I look forward to any advice you mayt offer, and thank you in advance!


----------



## amaslam (Sep 25, 2008)

It is possible but rare. It depends if the person selling the place (the vendor) you want agrees to it. You have a period from the time you place the deposit and sign a contract to buy a place to the time you own the place, in the US this is called closing and in Australia it's called settlement. This is normally 6 weeks from the time you sign the sales contract. 

Some vendors have longer periods (i.e. those building a place which is not ready yet to move into), but you need to seek these out. 

At settlement date you will need to be able to provide the funds (i.e. bank mortgage, cheques) so you can own the place.



lightpanther said:


> Hello.
> 
> I have a question to ask about the rules for buying a home in Australia. It's probably a dumb question., but well, I haven't done this before
> 
> ...


----------



## kaz101 (Nov 29, 2007)

When we were moving from the UK to Australia we managed to negotiate a settlement (closing) date for 5 months after we'd put a deposit on the property. We explained our situation (moving from the UK in July) even though we were buying then (February) and the sellers were happy with that.

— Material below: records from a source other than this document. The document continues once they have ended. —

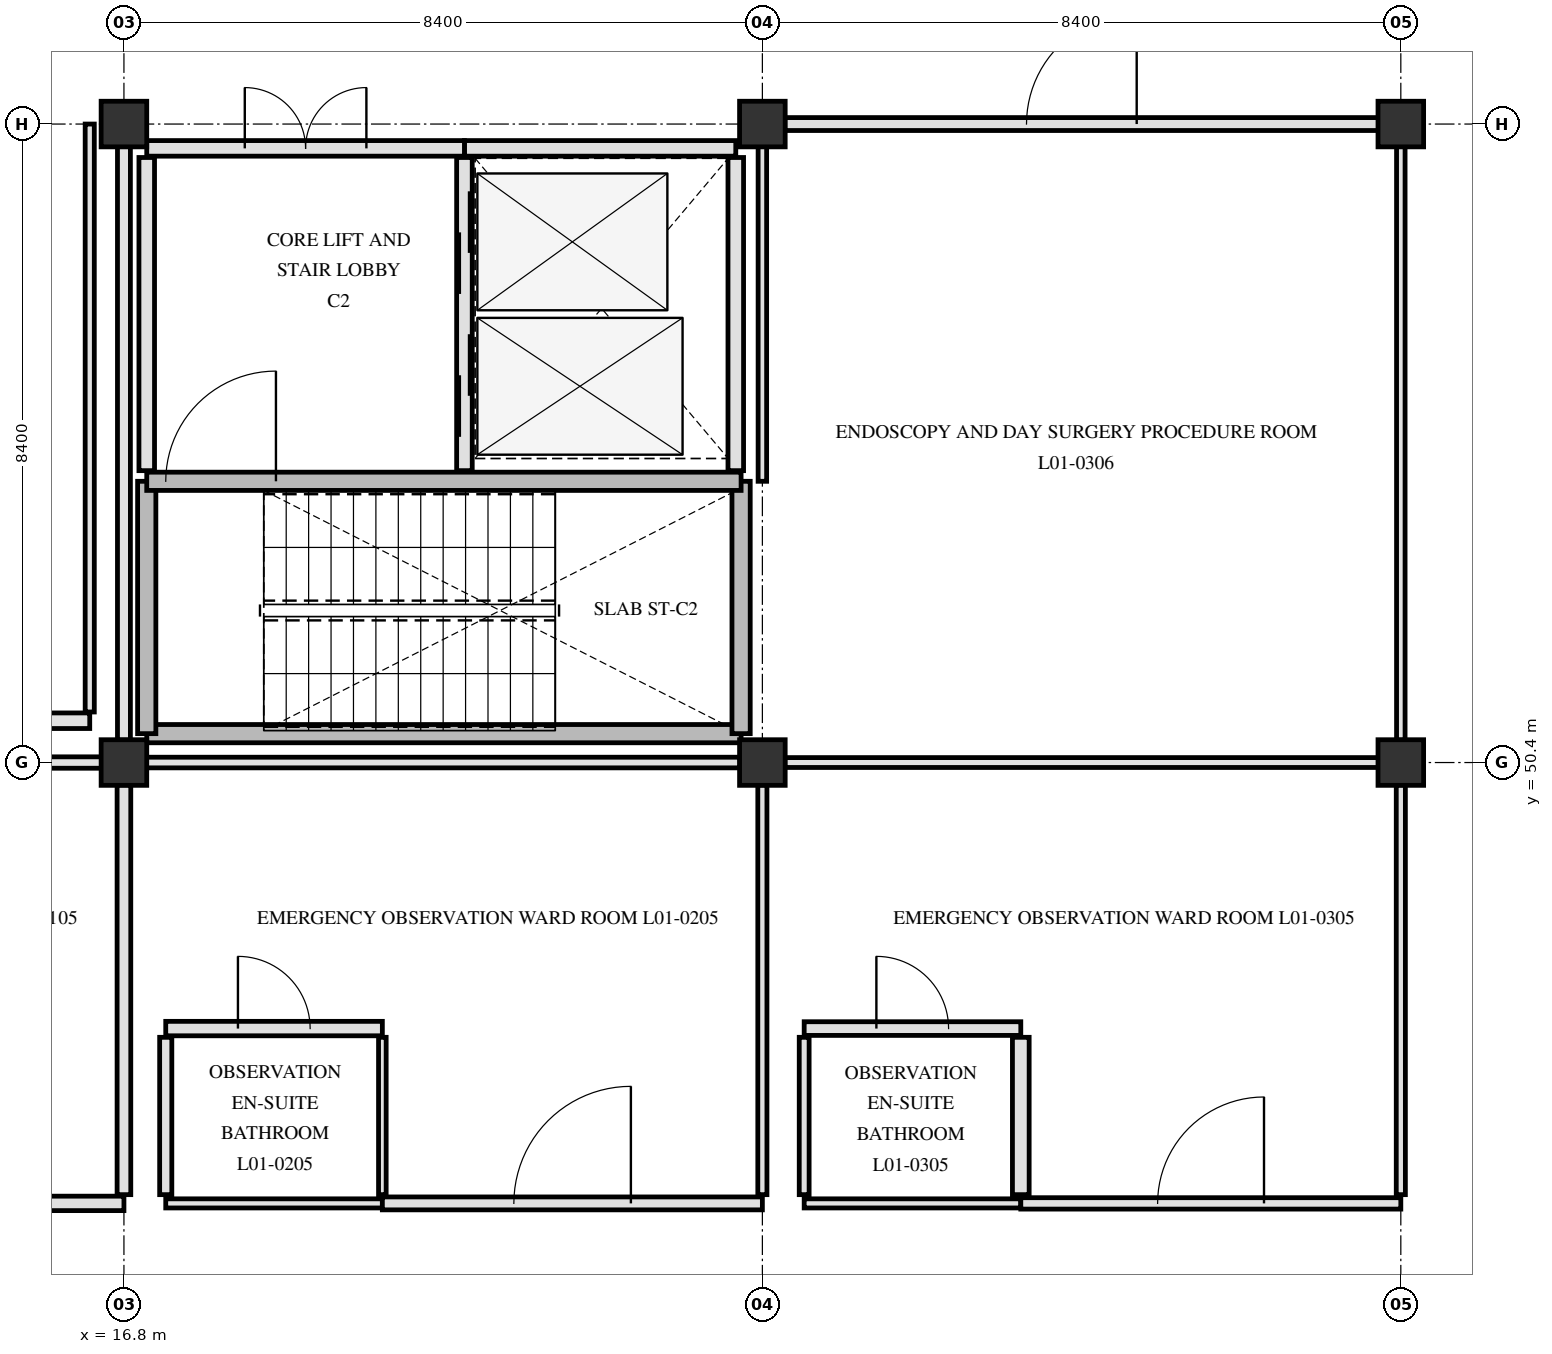
"""IFC4 building model, lengths in metres.
Left out: names, types, materials, properties, quantities, classifications, styles, units other than length and angle.
Written with IfcOpenShell. Run it as: python <this file> out.ifc"""

import sys

from ifc_helpers import new_model, si_unit, direction, frame, frame_2d, origin, origin_2d, place, context, subcontext, project, spatial, rectangle, extrude, element, fill, save


model = new_model("IFC4")
c1 = context("Model", 3, precision=1e-05, world=origin(), true_north=direction((0.0, 1.0)))
c2 = subcontext(c1, "Body", "Model", "MODEL_VIEW")
j1 = project(units=[si_unit("LENGTHUNIT", "METRE"), si_unit("PLANEANGLEUNIT", "RADIAN")], contexts=[c1])
p1 = place(None, origin())
s1 = spatial("IfcSite", under=j1, at=p1, CompositionType="ELEMENT")
p2 = place(p1, origin())
s2 = spatial("IfcBuilding", under=s1, at=p2, CompositionType="ELEMENT")
p3 = place(p2, frame((0.0, 0.0, 4.8)))
s3 = spatial("IfcBuildingStorey", under=s2, at=p3, CompositionType="ELEMENT", Elevation=4.8)
for number, where, z_axis, x_axis in (
    (1, (16.8, 50.4, 0.0), (0.0, 0.0, 1.0), (1.0, 0.0, 0.0)),
    (2, (16.8, 58.8, 0.0), (0.0, 0.0, 1.0), (1.0, 0.0, 0.0)),
    (3, (25.2, 50.4, 0.0), (0.0, 0.0, 1.0), (1.0, 0.0, 0.0)),
    (4, (25.2, 58.8, 0.0), (0.0, 0.0, 1.0), (1.0, 0.0, 0.0)),
    (5, (33.6, 50.4, 0.0), (0.0, 0.0, 1.0), (1.0, 0.0, 0.0)),
    (6, (33.6, 58.8, 0.0), (0.0, 0.0, 1.0), (1.0, 0.0, 0.0)),
):
    element("IfcColumn", number, at=place(p3, frame(where, z_axis=z_axis, x_axis=x_axis)), inside=s3, PredefinedType="COLUMN", context=c2, shape_type="SweptSolid", body=[
        extrude(rectangle(XDim=0.6, YDim=0.6, at=origin_2d()), origin(), (0.0, 0.0, 1.0), 4.5),
    ])
p4 = place(p3, frame((17.1, 50.78, 0.0), z_axis=(0.0, 0.0, 1.0), x_axis=(1.0, 0.0, 0.0)))
e7 = element("IfcWall", 7, at=p4, inside=s3, PredefinedType="SHEAR", context=c2, shape_type="SweptSolid", body=[
    extrude(rectangle(XDim=7.82, YDim=0.24, at=frame_2d((3.91, 0.0))), origin(), (0.0, 0.0, 1.0), 4.15),
])
for number, where, z_axis, x_axis in (
    (8, (17.1, 50.78, 0.0), (0.0, 0.0, 1.0), (0.0, 1.0, 0.0)),
    (9, (24.92, 50.78, 0.0), (0.0, 0.0, 1.0), (0.0, 1.0, 0.0)),
):
    element("IfcWall", number, at=place(p3, frame(where, z_axis=z_axis, x_axis=x_axis)), inside=s3, PredefinedType="SHEAR", context=c2, shape_type="SweptSolid", body=[
        extrude(rectangle(XDim=3.32, YDim=0.24, at=frame_2d((1.66, 0.0))), origin(), (0.0, 0.0, 1.0), 4.15),
    ])
p5 = place(p3, frame((17.1, 54.1, 0.0), z_axis=(0.0, 0.0, 1.0), x_axis=(1.0, 0.0, 0.0)))
e10 = element("IfcWall", 10, at=p5, inside=s3, PredefinedType="SHEAR", context=c2, shape_type="SweptSolid", body=[
    extrude(rectangle(XDim=7.82, YDim=0.24, at=frame_2d((3.91, 0.0))), origin(), (0.0, 0.0, 1.0), 4.15),
])
p6 = place(p5, frame((0.25, 0.0, 0.0)))
e11 = element("IfcOpeningElement", 11, at=p6, cuts=e10, PredefinedType="OPENING", context=c2, shape_type="SweptSolid", body=[
    extrude(rectangle(XDim=1.45, YDim=2.2, at=frame_2d((0.725, 1.1))), frame((0.0, 0.13, 0.0), z_axis=(0.0, -1.0, 0.0), x_axis=(1.0, 0.0, 0.0)), (0.0, 0.0, 1.0), 0.26),
])
p7 = place(p3, frame((21.28, 54.24, 0.0), z_axis=(0.0, 0.0, 1.0), x_axis=(0.0, 1.0, 0.0)))
e12 = element("IfcWall", 12, at=p7, inside=s3, PredefinedType="PARTITIONING", context=c2, shape_type="SweptSolid", body=[
    extrude(rectangle(XDim=4.12, YDim=0.205, at=frame_2d((2.06, 0.0))), origin(), (0.0, 0.0, 1.0), 4.14),
])
p8 = place(p7, frame((0.445, 0.0, 0.0)))
e13 = element("IfcOpeningElement", 13, at=p8, cuts=e12, PredefinedType="OPENING", context=c2, shape_type="SweptSolid", body=[
    extrude(rectangle(XDim=1.35, YDim=2.2, at=frame_2d((0.675, 1.1))), frame((0.0, 0.113, 0.0), z_axis=(0.0, -1.0, 0.0), x_axis=(1.0, 0.0, 0.0)), (0.0, 0.0, 1.0), 0.225),
])
p9 = place(p7, frame((2.325, 0.0, 0.0)))
e14 = element("IfcOpeningElement", 14, at=p9, cuts=e12, PredefinedType="OPENING", context=c2, shape_type="SweptSolid", body=[
    extrude(rectangle(XDim=1.35, YDim=2.2, at=frame_2d((0.675, 1.1))), frame((0.0, 0.113, 0.0), z_axis=(0.0, -1.0, 0.0), x_axis=(1.0, 0.0, 0.0)), (0.0, 0.0, 1.0), 0.225),
])
p10 = place(p3, frame((24.85, 54.24, 0.0), z_axis=(0.0, 0.0, 1.0), x_axis=(0.0, 1.0, 0.0)))
e15 = element("IfcWall", 15, at=p10, inside=s3, PredefinedType="PARTITIONING", context=c2, shape_type="SweptSolid", body=[
    extrude(rectangle(XDim=4.12, YDim=0.205, at=frame_2d((2.06, 0.0))), origin(), (0.0, 0.0, 1.0), 4.14),
])
p11 = place(p3, frame((21.28, 58.48, 0.0), z_axis=(0.0, 0.0, 1.0), x_axis=(1.0, 0.0, 0.0)))
e16 = element("IfcWall", 16, at=p11, inside=s3, PredefinedType="PARTITIONING", context=c2, shape_type="SweptSolid", body=[
    extrude(rectangle(XDim=3.57, YDim=0.205, at=frame_2d((1.785, 0.0))), origin(), (0.0, 0.0, 1.0), 3.54),
])
p12 = place(p3, frame((17.1, 54.24, 0.0), z_axis=(0.0, 0.0, 1.0), x_axis=(0.0, 1.0, 0.0)))
e17 = element("IfcWall", 17, at=p12, inside=s3, PredefinedType="PARTITIONING", context=c2, shape_type="SweptSolid", body=[
    extrude(rectangle(XDim=4.12, YDim=0.205, at=frame_2d((2.06, 0.0))), origin(), (0.0, 0.0, 1.0), 3.59),
])
p13 = place(p3, frame((17.1, 58.48, 0.0), z_axis=(0.0, 0.0, 1.0), x_axis=(1.0, 0.0, 0.0)))
e18 = element("IfcWall", 18, at=p13, inside=s3, PredefinedType="PARTITIONING", context=c2, shape_type="SweptSolid", body=[
    extrude(rectangle(XDim=4.18, YDim=0.205, at=frame_2d((2.09, 0.0))), origin(), (0.0, 0.0, 1.0), 3.54),
])
p14 = place(p13, frame((1.29, 0.0, 0.0)))
e19 = element("IfcOpeningElement", 19, at=p14, cuts=e18, PredefinedType="OPENING", context=c2, shape_type="SweptSolid", body=[
    extrude(rectangle(XDim=1.6, YDim=2.25, at=frame_2d((0.8, 1.125))), frame((0.0, 0.113, 0.0), z_axis=(0.0, -1.0, 0.0), x_axis=(1.0, 0.0, 0.0)), (0.0, 0.0, 1.0), 0.225),
])
p15 = place(p3, frame((11.8, 44.6, 0.0), z_axis=(0.0, 0.0, 1.0), x_axis=(1.0, 0.0, 0.0)))
e20 = element("IfcWall", 20, at=p15, inside=s3, PredefinedType="PARTITIONING", context=c2, shape_type="SweptSolid", body=[
    extrude(rectangle(XDim=5.0, YDim=0.19, at=frame_2d((2.5, 0.0))), origin(), (0.0, 0.0, 1.0), 3.59),
])
p16 = place(p15, frame((1.91, 0.0, 0.0)))
e21 = element("IfcOpeningElement", 21, at=p16, cuts=e20, PredefinedType="OPENING", context=c2, shape_type="SweptSolid", body=[
    extrude(rectangle(XDim=1.18, YDim=2.18, at=frame_2d((0.59, 1.09))), frame((0.0, 0.105, 0.0), z_axis=(0.0, -1.0, 0.0), x_axis=(1.0, 0.0, 0.0)), (0.0, 0.0, 1.0), 0.21),
])
p17 = place(p3, frame((17.35, 44.6, 0.0), z_axis=(0.0, 0.0, 1.0), x_axis=(1.0, 0.0, 0.0)))
e22 = element("IfcWall", 22, at=p17, inside=s3, PredefinedType="PARTITIONING", context=c2, shape_type="SweptSolid", body=[
    extrude(rectangle(XDim=2.85, YDim=0.12, at=frame_2d((1.425, 0.0))), origin(), (0.0, 0.0, 1.0), 4.14),
])
p18 = place(p3, frame((20.2, 44.6, 0.0), z_axis=(0.0, 0.0, 1.0), x_axis=(1.0, 0.0, 0.0)))
e23 = element("IfcWall", 23, at=p18, inside=s3, PredefinedType="PARTITIONING", context=c2, shape_type="SweptSolid", body=[
    extrude(rectangle(XDim=5.0, YDim=0.17, at=frame_2d((2.5, 0.0))), origin(), (0.0, 0.0, 1.0), 3.59),
])
p19 = place(p18, frame((1.73, 0.0, 0.0)))
e24 = element("IfcOpeningElement", 24, at=p19, cuts=e23, PredefinedType="OPENING", context=c2, shape_type="SweptSolid", body=[
    extrude(rectangle(XDim=1.54, YDim=2.24, at=frame_2d((0.77, 1.12))), frame((0.0, 0.095, 0.0), z_axis=(0.0, -1.0, 0.0), x_axis=(1.0, 0.0, 0.0)), (0.0, 0.0, 1.0), 0.19),
])
p20 = place(p3, frame((25.75, 44.6, 0.0), z_axis=(0.0, 0.0, 1.0), x_axis=(1.0, 0.0, 0.0)))
e25 = element("IfcWall", 25, at=p20, inside=s3, PredefinedType="PARTITIONING", context=c2, shape_type="SweptSolid", body=[
    extrude(rectangle(XDim=2.85, YDim=0.12, at=frame_2d((1.425, 0.0))), origin(), (0.0, 0.0, 1.0), 4.14),
])
p21 = place(p3, frame((28.6, 44.6, 0.0), z_axis=(0.0, 0.0, 1.0), x_axis=(1.0, 0.0, 0.0)))
e26 = element("IfcWall", 26, at=p21, inside=s3, PredefinedType="PARTITIONING", context=c2, shape_type="SweptSolid", body=[
    extrude(rectangle(XDim=5.0, YDim=0.15, at=frame_2d((2.5, 0.0))), origin(), (0.0, 0.0, 1.0), 3.59),
])
p22 = place(p21, frame((1.8, 0.0, 0.0)))
e27 = element("IfcOpeningElement", 27, at=p22, cuts=e26, PredefinedType="OPENING", context=c2, shape_type="SweptSolid", body=[
    extrude(rectangle(XDim=1.4, YDim=2.2, at=frame_2d((0.7, 1.1))), frame((0.0, 0.085, 0.0), z_axis=(0.0, -1.0, 0.0), x_axis=(1.0, 0.0, 0.0)), (0.0, 0.0, 1.0), 0.17),
])
p23 = place(p3, frame((17.35, 46.9, 0.0), z_axis=(0.0, 0.0, 1.0), x_axis=(1.0, 0.0, 0.0)))
e28 = element("IfcWall", 28, at=p23, inside=s3, PredefinedType="PARTITIONING", context=c2, shape_type="SweptSolid", body=[
    extrude(rectangle(XDim=2.85, YDim=0.19, at=frame_2d((1.425, 0.0))), origin(), (0.0, 0.0, 1.0), 4.14),
])
p24 = place(p23, frame((0.95, 0.0, 0.0)))
e29 = element("IfcOpeningElement", 29, at=p24, cuts=e28, PredefinedType="OPENING", context=c2, shape_type="SweptSolid", body=[
    extrude(rectangle(XDim=0.95, YDim=2.1, at=frame_2d((0.475, 1.05))), frame((0.0, 0.105, 0.0), z_axis=(0.0, -1.0, 0.0), x_axis=(1.0, 0.0, 0.0)), (0.0, 0.0, 1.0), 0.21),
])
p25 = place(p3, frame((25.75, 46.9, 0.0), z_axis=(0.0, 0.0, 1.0), x_axis=(1.0, 0.0, 0.0)))
e30 = element("IfcWall", 30, at=p25, inside=s3, PredefinedType="PARTITIONING", context=c2, shape_type="SweptSolid", body=[
    extrude(rectangle(XDim=2.85, YDim=0.18, at=frame_2d((1.425, 0.0))), origin(), (0.0, 0.0, 1.0), 4.14),
])
p26 = place(p25, frame((0.95, 0.0, 0.0)))
e31 = element("IfcOpeningElement", 31, at=p26, cuts=e30, PredefinedType="OPENING", context=c2, shape_type="SweptSolid", body=[
    extrude(rectangle(XDim=0.95, YDim=2.1, at=frame_2d((0.475, 1.05))), frame((0.0, 0.1, 0.0), z_axis=(0.0, -1.0, 0.0), x_axis=(1.0, 0.0, 0.0)), (0.0, 0.0, 1.0), 0.2),
])
p27 = place(p3, frame((8.695, 50.4, 0.0), z_axis=(0.0, 0.0, 1.0), x_axis=(1.0, 0.0, 0.0)))
e32 = element("IfcWall", 32, at=p27, inside=s3, PredefinedType="PARTITIONING", context=c2, shape_type="SweptSolid", body=[
    extrude(rectangle(XDim=7.81, YDim=0.15, at=frame_2d((3.905, 0.0))), origin(), (0.0, 0.0, 1.0), 3.54),
])
p28 = place(p3, frame((17.095, 50.4, 0.0), z_axis=(0.0, 0.0, 1.0), x_axis=(1.0, 0.0, 0.0)))
e33 = element("IfcWall", 33, at=p28, inside=s3, PredefinedType="PARTITIONING", context=c2, shape_type="SweptSolid", body=[
    extrude(rectangle(XDim=7.81, YDim=0.14, at=frame_2d((3.905, 0.0))), origin(), (0.0, 0.0, 1.0), 3.54),
])
p29 = place(p3, frame((25.495, 50.4, 0.0), z_axis=(0.0, 0.0, 1.0), x_axis=(1.0, 0.0, 0.0)))
e34 = element("IfcWall", 34, at=p29, inside=s3, PredefinedType="PARTITIONING", context=c2, shape_type="SweptSolid", body=[
    extrude(rectangle(XDim=7.81, YDim=0.13, at=frame_2d((3.905, 0.0))), origin(), (0.0, 0.0, 1.0), 3.54),
])
p30 = place(p3, frame((14.35, 50.95, 0.0), z_axis=(0.0, 0.0, 1.0), x_axis=(1.0, 0.0, 0.0)))
e35 = element("IfcWall", 35, at=p30, inside=s3, PredefinedType="PARTITIONING", context=c2, shape_type="SweptSolid", body=[
    extrude(rectangle(XDim=2.0, YDim=0.205, at=frame_2d((1.0, 0.0))), origin(), (0.0, 0.0, 1.0), 4.14),
])
p31 = place(p3, frame((25.495, 58.8, 0.0), z_axis=(0.0, 0.0, 1.0), x_axis=(1.0, 0.0, 0.0)))
e36 = element("IfcWall", 36, at=p31, inside=s3, PredefinedType="PARTITIONING", context=c2, shape_type="SweptSolid", body=[
    extrude(rectangle(XDim=7.81, YDim=0.17, at=frame_2d((3.905, 0.0))), origin(), (0.0, 0.0, 1.0), 3.54),
])
p32 = place(p31, frame((3.18, 0.0, 0.0)))
e37 = element("IfcOpeningElement", 37, at=p32, cuts=e36, PredefinedType="OPENING", context=c2, shape_type="SweptSolid", body=[
    extrude(rectangle(XDim=1.45, YDim=2.2, at=frame_2d((0.725, 1.1))), frame((0.0, 0.095, 0.0), z_axis=(0.0, -1.0, 0.0), x_axis=(1.0, 0.0, 0.0)), (0.0, 0.0, 1.0), 0.19),
])
p33 = place(p3, frame((16.35, 51.065, 0.0), z_axis=(0.0, 0.0, 1.0), x_axis=(0.0, 1.0, 0.0)))
e38 = element("IfcWall", 38, at=p33, inside=s3, PredefinedType="PARTITIONING", context=c2, shape_type="SweptSolid", body=[
    extrude(rectangle(XDim=7.735, YDim=0.12, at=frame_2d((3.868, 0.0))), origin(), (0.0, 0.0, 1.0), 3.54),
])
p34 = place(p3, frame((16.8, 44.715, 0.0), z_axis=(0.0, 0.0, 1.0), x_axis=(0.0, 1.0, 0.0)))
e39 = element("IfcWall", 39, at=p34, inside=s3, PredefinedType="PARTITIONING", context=c2, shape_type="SweptSolid", body=[
    extrude(rectangle(XDim=5.39, YDim=0.18, at=frame_2d((2.695, 0.0))), origin(), (0.0, 0.0, 1.0), 3.59),
])
p35 = place(p3, frame((16.8, 50.695, 0.0), z_axis=(0.0, 0.0, 1.0), x_axis=(0.0, 1.0, 0.0)))
e40 = element("IfcWall", 40, at=p35, inside=s3, PredefinedType="PARTITIONING", context=c2, shape_type="SweptSolid", body=[
    extrude(rectangle(XDim=7.81, YDim=0.17, at=frame_2d((3.905, 0.0))), origin(), (0.0, 0.0, 1.0), 3.59),
])
p36 = place(p3, frame((17.35, 44.715, 0.0), z_axis=(0.0, 0.0, 1.0), x_axis=(0.0, 1.0, 0.0)))
e41 = element("IfcWall", 41, at=p36, inside=s3, PredefinedType="PARTITIONING", context=c2, shape_type="SweptSolid", body=[
    extrude(rectangle(XDim=2.07, YDim=0.16, at=frame_2d((1.035, 0.0))), origin(), (0.0, 0.0, 1.0), 4.14),
])
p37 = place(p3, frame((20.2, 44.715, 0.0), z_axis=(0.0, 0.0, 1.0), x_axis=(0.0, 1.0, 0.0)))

We were lucky in that the market in that area was slow (they were happy to have a buyer) and they were building a house so it would give them more time to get it completed properly. 

As Amaslam said you still need to provide a deposit shortly after the contract is signed and then the rest of the finance at settlement. 

We managed to get an investment mortgage so it was based on the income we were earning in the UK. Your credit record won't follow you when you move country so you'll be starting from scratch and you're not likely to get a mortgage unless you can prove your income. I mention this because you said you were starting a course and didn't say starting a job. 

Regards,
Karen


----------



## Michelle_S (Jul 17, 2009)

Hi Karen,

May i know if you already a PR when you bought the house in Feb? and did you face any difficulties in securing a mortgage loan at that time? 

My husband and I are thinking of buying a house in Adelaide while we still have income proof back in our home country before our application for migraiton is approved. Do you know if it is possible? and how complicated will that be for a foreigner to own a house and do we have to do any paper work when our status changed to PR? 

Thanks.

Regards,
Michelle


----------



## kaz101 (Nov 29, 2007)

Michelle_S said:


> May i know if you already a PR when you bought the house in Feb? and did you face any difficulties in securing a mortgage loan at that time?
> 
> My husband and I are thinking of buying a house in Adelaide while we still have income proof back in our home country before our application for migraiton is approved. Do you know if it is possible? and how complicated will that be for a foreigner to own a house and do we have to do any paper work when our status changed to PR?


Hi Michelle, 

The first place we bought in Australia (some years ago) we didn't have PR but the apartment had FIRB approval (FIRB: Foreign Investment Review Board - Home). When we bought our home we did have PR. We used a mortgage broker to get us the best deal and we got an investment mortgage so we could rent out the place if we were delayed. 

It depends on what you want to buy. Check out the FIRB rules since they have changed since we bought our first property over here. Back then you didn't need any visa at all to buy here but it had to be FIRB approved and it had to be a brand new property. 

You'll need a conveyancer (they are used in South Australia rather than a solicitor) to do the paperwork to buy a property and often the same conveyancer is used for both buyer and seller (yes I know that seems strange). 

No there is no extra paperwork when our status changed to PR (or citizen for that matter). 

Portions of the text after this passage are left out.